Step 3: serve the mixed vegetables for the winter.

Assorted vegetables for the winter are served cold on a large dish, tomatoes and cucumbers are cut into 2 - 3 parts or put whole. Pepper is put in the form in which it was preserved. Such a platter of vegetables will look great on the festive table, delighting guests and hosts of the feast with its diverse taste and fan of aromas. Enjoy your meal!

Recipe Tips:

- - Before preparing for preservation, remember that your hands must be clean, all equipment with which you will work must be washed and sterilized.

- - Do not soak the cucumbers for more than 2 hours, as they can accumulate raw water, this can cause the whole preservation to explode.

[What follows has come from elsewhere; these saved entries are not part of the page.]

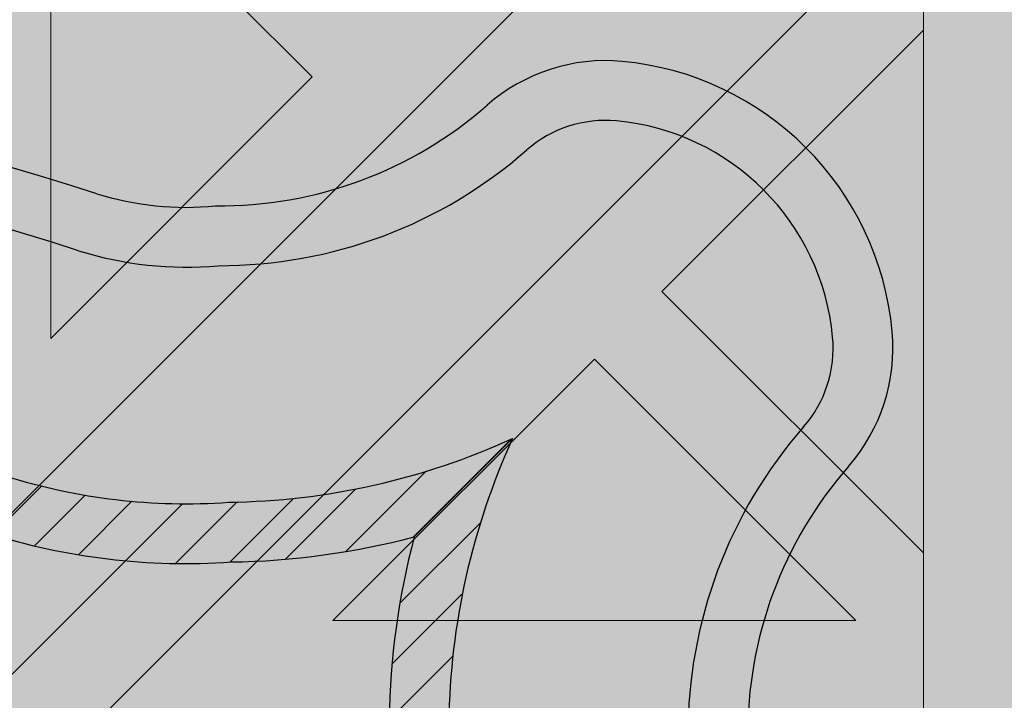
# Model space of a CAD drawing. Units: inches. Extents: x 844 to 2234, y 346 to 1084.
# Tile 20 of 93: x 1124.911 to 1127.536, y 703.246 to 705.06. Entities that reach past the tile are written whole.
import ezdxf

# ---------------------------------------------------------------- set-up
doc = ezdxf.new("R2010")
doc.units = ezdxf.units.IN
doc.header["$MEASUREMENT"] = 0
for name, color, linetype, lineweight in [('A-ANNO-DIMS', 2, 'Continuous', 18), ('furniture', 8, 'Continuous', 18), ('RA-AP-01$0$INT', 35, 'Continuous', 5)]:
    doc.layers.add(name, color=color, linetype=linetype, lineweight=lineweight)
doc.layers.add('RA-AP-01$0$FURN', color=3, linetype='Continuous')
doc.layers.add('RA-AP-01$0$WOOD', color=64, linetype='Continuous')
doc.styles.get("Standard").update_dxf_attribs({"font": 'arial.ttf'})
doc.dimstyles.get("Standard").update_dxf_attribs({"dimtxt": 6, "dimasz": 3, "dimexe": 0.18, "dimexo": 0.0625, "dimgap": 0.09, "dimtad": 0, "dimtih": 1, "dimtoh": 1, "dimdec": 1, "dimzin": 0, "dimdsep": 46, "dimlunit": 3, "dimtxsty": 'Standard', "dimblk": 'ARCHTICK', "dimcen": 0.09, "dimadec": 0, "dimazin": 0, "dimtfac": 1, "dimtdec": 1, "dimtofl": 0, "dimtmove": 0, "dimatfit": 3, "dimfxl": 1, "dimtolj": 1, "dimtzin": 0, "dimarcsym": 0})

# ---------------------------------------------------------------- blocks, each defined once
blk = doc.blocks.new('A$C18D01794')
at = {"layer": 'RA-AP-01$0$INT'}
blk.add_hatch(color=256, dxfattribs=at).paths.add_polyline_path([(4.505206456958071, -7.906712009588039), (5.305206456958072, -7.906712009588039), (5.305206456958072, -7.106712009588038), (5.255206456951893, -7.106712009588036), (5.25520645694868, -7.856712009570104), (4.555206456959269, -7.856712009588616), (4.555206456956052, -7.106712009588038), (4.505206456958073, -7.106712009588038)])
h = blk.add_hatch(color=256, dxfattribs=at)
h.paths.add_polyline_path([(4.585917135068448, -7.856712009587804), (4.614201406330596, -7.856712009587056), (4.668846067270487, -7.802067348644738), (4.723490728212344, -7.856712009584164), (4.771774999457151, -7.856712009582887), (4.826419660396886, -7.80206734864072), (4.862780050090322, -7.838427738332541), (4.844495778842715, -7.856712009580965), (4.862780050090411, -7.856712009580482), (4.905206456960182, -7.814285602707865), (4.947632863832445, -7.856712009578238), (4.965917135079675, -7.856712009577755), (4.947632863831759, -7.838427738330656), (4.983993253523576, -7.802067348637219), (5.038637914464627, -7.856712009575829), (5.08692218571208, -7.856712009574554), (5.141566846649976, -7.802067348634224), (5.196211507589851, -7.856712009571666), (5.224495778822615, -7.856712009570916), (4.905206456953975, -7.537422687702283)])
h.paths.add_polyline_path([(4.895206456956031, -7.575706958950402), (4.895206456958921, -7.684996280828174), (4.840561796018589, -7.630351619890275)], flags=16)
h.paths.add_polyline_path([(4.915206456955638, -7.575706958949956), (4.969851117895509, -7.630351619887399), (4.915206456957609, -7.684996280827732)], flags=16)
h.paths.add_polyline_path([(4.826419660395175, -7.644493755514321), (4.881064321335613, -7.699138416452331), (4.771774999456703, -7.69913841645522)], flags=16)
h.paths.add_polyline_path([(4.983993253519558, -7.644493755510815), (5.038637914460456, -7.699138416449285), (4.929348592581548, -7.69913841645126)], flags=16)
h.paths.add_polyline_path([(4.881064321336025, -7.719138416452334), (4.826419660397532, -7.773783077393256), (4.771774999457062, -7.719138416455217)], flags=16)
h.paths.add_polyline_path([(4.929348592582019, -7.71913841645126), (5.038637914460982, -7.719138416449284), (4.983993253522945, -7.773783077389749)], flags=16)
h.paths.add_polyline_path([(4.895206456960191, -7.733280552075633), (4.895206456962115, -7.806001331460164), (4.876922185715016, -7.824285602708492), (4.840561796021581, -7.787925213016675)], flags=16)
h.paths.add_polyline_path([(4.915206456958487, -7.733280552075187), (4.969851117899527, -7.787925213013798), (4.933490728206909, -7.824285602708034), (4.9152064569598, -7.806001331461736)], flags=16)
h.paths.add_polyline_path([(4.757632863832376, -7.733280552079264), (4.812277524772842, -7.787925213017304), (4.757632863834348, -7.842569873958233)], flags=16)
h.paths.add_polyline_path([(4.737632863832376, -7.73328055207979), (4.737632863834348, -7.842569873958701), (4.682988202893906, -7.787925213020692)], flags=16)
h.paths.add_polyline_path([(5.05278005008503, -7.733280552072701), (5.052780050087917, -7.842569873951664), (4.998135389146995, -7.787925213013169)], flags=16)
h.paths.add_polyline_path([(5.072780050085024, -7.733280552072333), (5.127424711025931, -7.787925213010806), (5.072780050087916, -7.842569873951244)], flags=16)
h.paths.add_polyline_path([(4.935917135072783, -7.506712009583784), (5.255206456948811, -7.826001331459767), (5.255206456948932, -7.797717060211899), (5.200561796010279, -7.743072399273238), (5.255206456949403, -7.688427738334128), (5.25520645694961, -7.640143467086677), (5.200561796009787, -7.585498806146837), (5.236922185702417, -7.549138416454212), (5.255206456949919, -7.56742268770172), (5.255206456949998, -7.549138416454178), (5.212780050078687, -7.506712009583814), (5.25520645695036, -7.464285602712145), (5.255206456950438, -7.446001331464763), (5.236922185702424, -7.464285602712779), (5.200561796009796, -7.427925213020149), (5.255206456950753, -7.373280552079203), (5.25520645695096, -7.324996280834394), (5.200561796010322, -7.270351619893748), (5.255206456951428, -7.215706958952649), (5.255206456951547, -7.187422687705071)])
h.paths.add_polyline_path([(5.042988202883395, -7.42792521302065), (5.097632863823085, -7.373280552080975), (5.097632863822622, -7.482569873959883)], flags=16)
h.paths.add_polyline_path([(5.028846067259663, -7.442067348644384), (5.083490728198774, -7.496712009583504), (4.974201406321001, -7.496712009583035)], flags=16)
h.paths.add_polyline_path([(5.117632863823087, -7.37328055208089), (5.172277524762331, -7.42792521302015), (5.11763286382262, -7.482569873959851)], flags=16)
h.paths.add_polyline_path([(5.08349072819877, -7.516712009582191), (5.028846067259652, -7.571356670521302), (4.974201406320998, -7.516712009582638)], flags=16)
h.paths.add_polyline_path([(5.131774999446817, -7.35913841645716), (5.186419660386065, -7.413783077396415), (5.241064321325782, -7.359138416456712)], flags=17)
h.paths.add_polyline_path([(5.131774999446228, -7.496712009583703), (5.186419660386065, -7.442067348643883), (5.222780050079488, -7.478427738337313), (5.204495778832781, -7.496712009584014)], flags=16)
h.paths.add_polyline_path([(5.097632863822613, -7.530854145205813), (5.097632863823061, -7.640143467084723), (5.042988202883383, -7.585498806145032)], flags=16)
h.paths.add_polyline_path([(5.131774999446899, -7.339138416457162), (5.241064321325809, -7.339138416456712), (5.186419660386591, -7.284493755517479)], flags=17)
h.paths.add_polyline_path([(5.131774999446226, -7.516712009581999), (5.204495778830767, -7.516712009581702), (5.22278005007868, -7.534996280829206), (5.186419660386049, -7.571356670521828)], flags=16)
h.paths.add_polyline_path([(5.11763286382262, -7.530854145205852), (5.17227752476232, -7.585498806145562), (5.117632863823064, -7.64014346708481)], flags=16)
h.paths.add_polyline_path([(5.186419660386069, -7.599640941770585), (5.241064321325754, -7.654285602710281), (5.131774999446791, -7.654285602709814)], flags=16)
h.paths.add_polyline_path([(5.131774999446872, -7.674285602709813), (5.24106432132578, -7.674285602710282), (5.186419660386554, -7.728930263649504)], flags=16)
h.paths.add_polyline_path([(5.255206456951811, -7.126001331467467), (5.255206456951895, -7.106712009588038), (4.555206456956052, -7.106712009588038), (4.555206456956136, -7.12600133146746), (4.905206456953973, -7.476001331465289)])
h.paths.add_polyline_path([(4.983993253513404, -7.368930263651977), (4.92934859257295, -7.314285602713969), (5.03863791445186, -7.314285602711063)], flags=16)
h.paths.add_polyline_path([(4.969851117889988, -7.383072399276016), (4.915206456952556, -7.437717060215906), (4.915206456949648, -7.328427738338133)], flags=16)
h.paths.add_polyline_path([(4.929348592572535, -7.294285602713971), (4.983993253511019, -7.239640941773039), (5.038637914451496, -7.294285602711065)], flags=16)
h.paths.add_polyline_path([(5.052780050074912, -7.280143467087016), (4.998135389134438, -7.225498806148989), (5.052780050072919, -7.170854145208052)], flags=16)
h.paths.add_polyline_path([(5.07278005007491, -7.280143467086489), (5.072780050072918, -7.170854145207579), (5.127424711013374, -7.225498806145578)], flags=16)
h.paths.add_polyline_path([(4.89520645695295, -7.437717060216355), (4.840561796013067, -7.383072399278919), (4.895206456950961, -7.328427738338582)], flags=16)
h.paths.add_polyline_path([(4.915206456948365, -7.280143467090674), (4.915206456946434, -7.207422687704125), (4.933490728192729, -7.18913841645701), (4.969851117886972, -7.225498806149623)], flags=16)
h.paths.add_polyline_path([(4.881064321327021, -7.314285602715054), (4.82641966038902, -7.368930263655506), (4.771774999448108, -7.314285602717047)], flags=16)
h.paths.add_polyline_path([(4.895206456950073, -7.280143467091125), (4.840561796009022, -7.225498806152518), (4.876922185700835, -7.18913841645908), (4.895206456948749, -7.207422687706589)], flags=16)
h.paths.add_polyline_path([(4.983993253510392, -7.211356670525576), (4.947632863816944, -7.174996280833758), (4.965917135064043, -7.156712009585847), (5.038637914448995, -7.156712009584522)], flags=16)
h.paths.add_polyline_path([(4.881064321326543, -7.294285602715056), (4.771774999447578, -7.294285602717046), (4.826419660385607, -7.239640941776569)], flags=16)
h.paths.add_polyline_path([(4.905206456946447, -7.19913841645844), (4.862780050074785, -7.156712009587725), (4.947632863816685, -7.156712009586302)], flags=16)
h.paths.add_polyline_path([(5.14156684663679, -7.211356670521528), (5.086922185696452, -7.156712009583639), (5.196211507574223, -7.156712009581651)], flags=16)
h.paths.add_polyline_path([(4.8264196603837, -7.211356670529104), (4.771774999442643, -7.156712009590501), (4.8444957788276, -7.156712009588568), (4.862780050075511, -7.17499628083566)], flags=16)
h.paths.add_polyline_path([(4.812277524760289, -7.225498806153156), (4.757632863822258, -7.28014346709363), (4.757632863819352, -7.170854145214669)], flags=16)
h.paths.add_polyline_path([(4.73763286382226, -7.280143467093997), (4.682988202881349, -7.22549880615554), (4.737632863819352, -7.170854145215086)], flags=16)
h.paths.add_polyline_path([(4.723490728195188, -7.156712009591787), (4.668846067257299, -7.211356670532127), (4.614201406317417, -7.156712009594693)], flags=16)
h.paths.add_polyline_path([(4.597632863829262, -7.506712009583814), (4.555206456957951, -7.54913841645418), (4.555206456958029, -7.56742268770172), (4.573490728205535, -7.549138416454212), (4.609851117898167, -7.585498806146839), (4.555206456958338, -7.640143467086675), (4.555206456958546, -7.688427738334125), (4.60985111789767, -7.743072399273238), (4.555206456959015, -7.797717060211899), (4.555206456959138, -7.826001331459767), (4.874495778835167, -7.506712009583786), (4.5552064569564, -7.187422687705062), (4.555206456956523, -7.215706958952644), (4.609851117897629, -7.270351619893746), (4.555206456956988, -7.324996280834396), (4.555206456957198, -7.373280552079195), (4.609851117898153, -7.427925213020147), (4.573490728205528, -7.464285602712779), (4.555206456957507, -7.446001331464756), (4.555206456957585, -7.464285602712143)])
h.paths.add_polyline_path([(4.712780050085332, -7.482569873959882), (4.712780050084863, -7.373280552080972), (4.767424711024555, -7.42792521302065)], flags=16)
h.paths.add_polyline_path([(4.726922185709173, -7.496712009583504), (4.781566846648288, -7.442067348644384), (4.836211507586949, -7.496712009583033)], flags=16)
h.paths.add_polyline_path([(4.692780050085327, -7.482569873959851), (4.638135389145619, -7.427925213020149), (4.692780050084865, -7.373280552080892)], flags=16)
h.paths.add_polyline_path([(4.726922185709182, -7.516712009582191), (4.836211507586949, -7.51671200958264), (4.7815668466483, -7.571356670521304)], flags=16)
h.paths.add_polyline_path([(4.678637914461726, -7.496712009583706), (4.605917135075169, -7.496712009584014), (4.587632863828464, -7.478427738337311), (4.623993253521887, -7.442067348643881)], flags=16)
h.paths.add_polyline_path([(4.712780050085336, -7.530854145205816), (4.767424711024568, -7.585498806145034), (4.71278005008489, -7.640143467084724)], flags=16)
h.paths.add_polyline_path([(4.678637914461726, -7.516712009582001), (4.623993253521899, -7.571356670521829), (4.587632863829271, -7.534996280829206), (4.605917135077185, -7.5167120095817)], flags=16)
h.paths.add_polyline_path([(4.692780050085336, -7.530854145205848), (4.692780050084889, -7.64014346708481), (4.638135389145632, -7.585498806145562)], flags=16)
h.paths.add_polyline_path([(4.623993253521885, -7.413783077396415), (4.678637914461131, -7.359138416457161), (4.56934859258217, -7.359138416456712)], flags=17)
h.paths.add_polyline_path([(4.623993253521901, -7.599640941770568), (4.678637914461158, -7.654285602709814), (4.569348592582195, -7.654285602710281)], flags=16)
h.paths.add_polyline_path([(4.678637914461051, -7.339138416457162), (4.623993253521361, -7.284493755517479), (4.569348592582143, -7.339138416456712)], flags=17)
h.paths.add_polyline_path([(4.678637914461076, -7.674285602709813), (4.623993253521399, -7.728930263649504), (4.569348592582167, -7.674285602710281)], flags=16)
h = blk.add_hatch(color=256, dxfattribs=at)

- - During the preparation of assorted dishes, you can cut not only pepper, but also tomatoes into 2 halves, and cucumbers into 3 - 4 parts.

- - You can add other various vegetables to the assorted vegetables, this can be Jerusalem artichoke, zucchini, eggplant, carrots. For severity, you can add chili peppers with an approximate length of 5 centimeters 1 to 1 three-liter jar.

- - If you do not have fresh dill and horseradish leaves, but there are dry, you can use them. BUT! Pour boiling water over such greens!

- - When choosing containers for preservation, make sure that it is free of cracks and other damage.

- - You can sterilize the jars in an autoclave, deep pan, or microwave.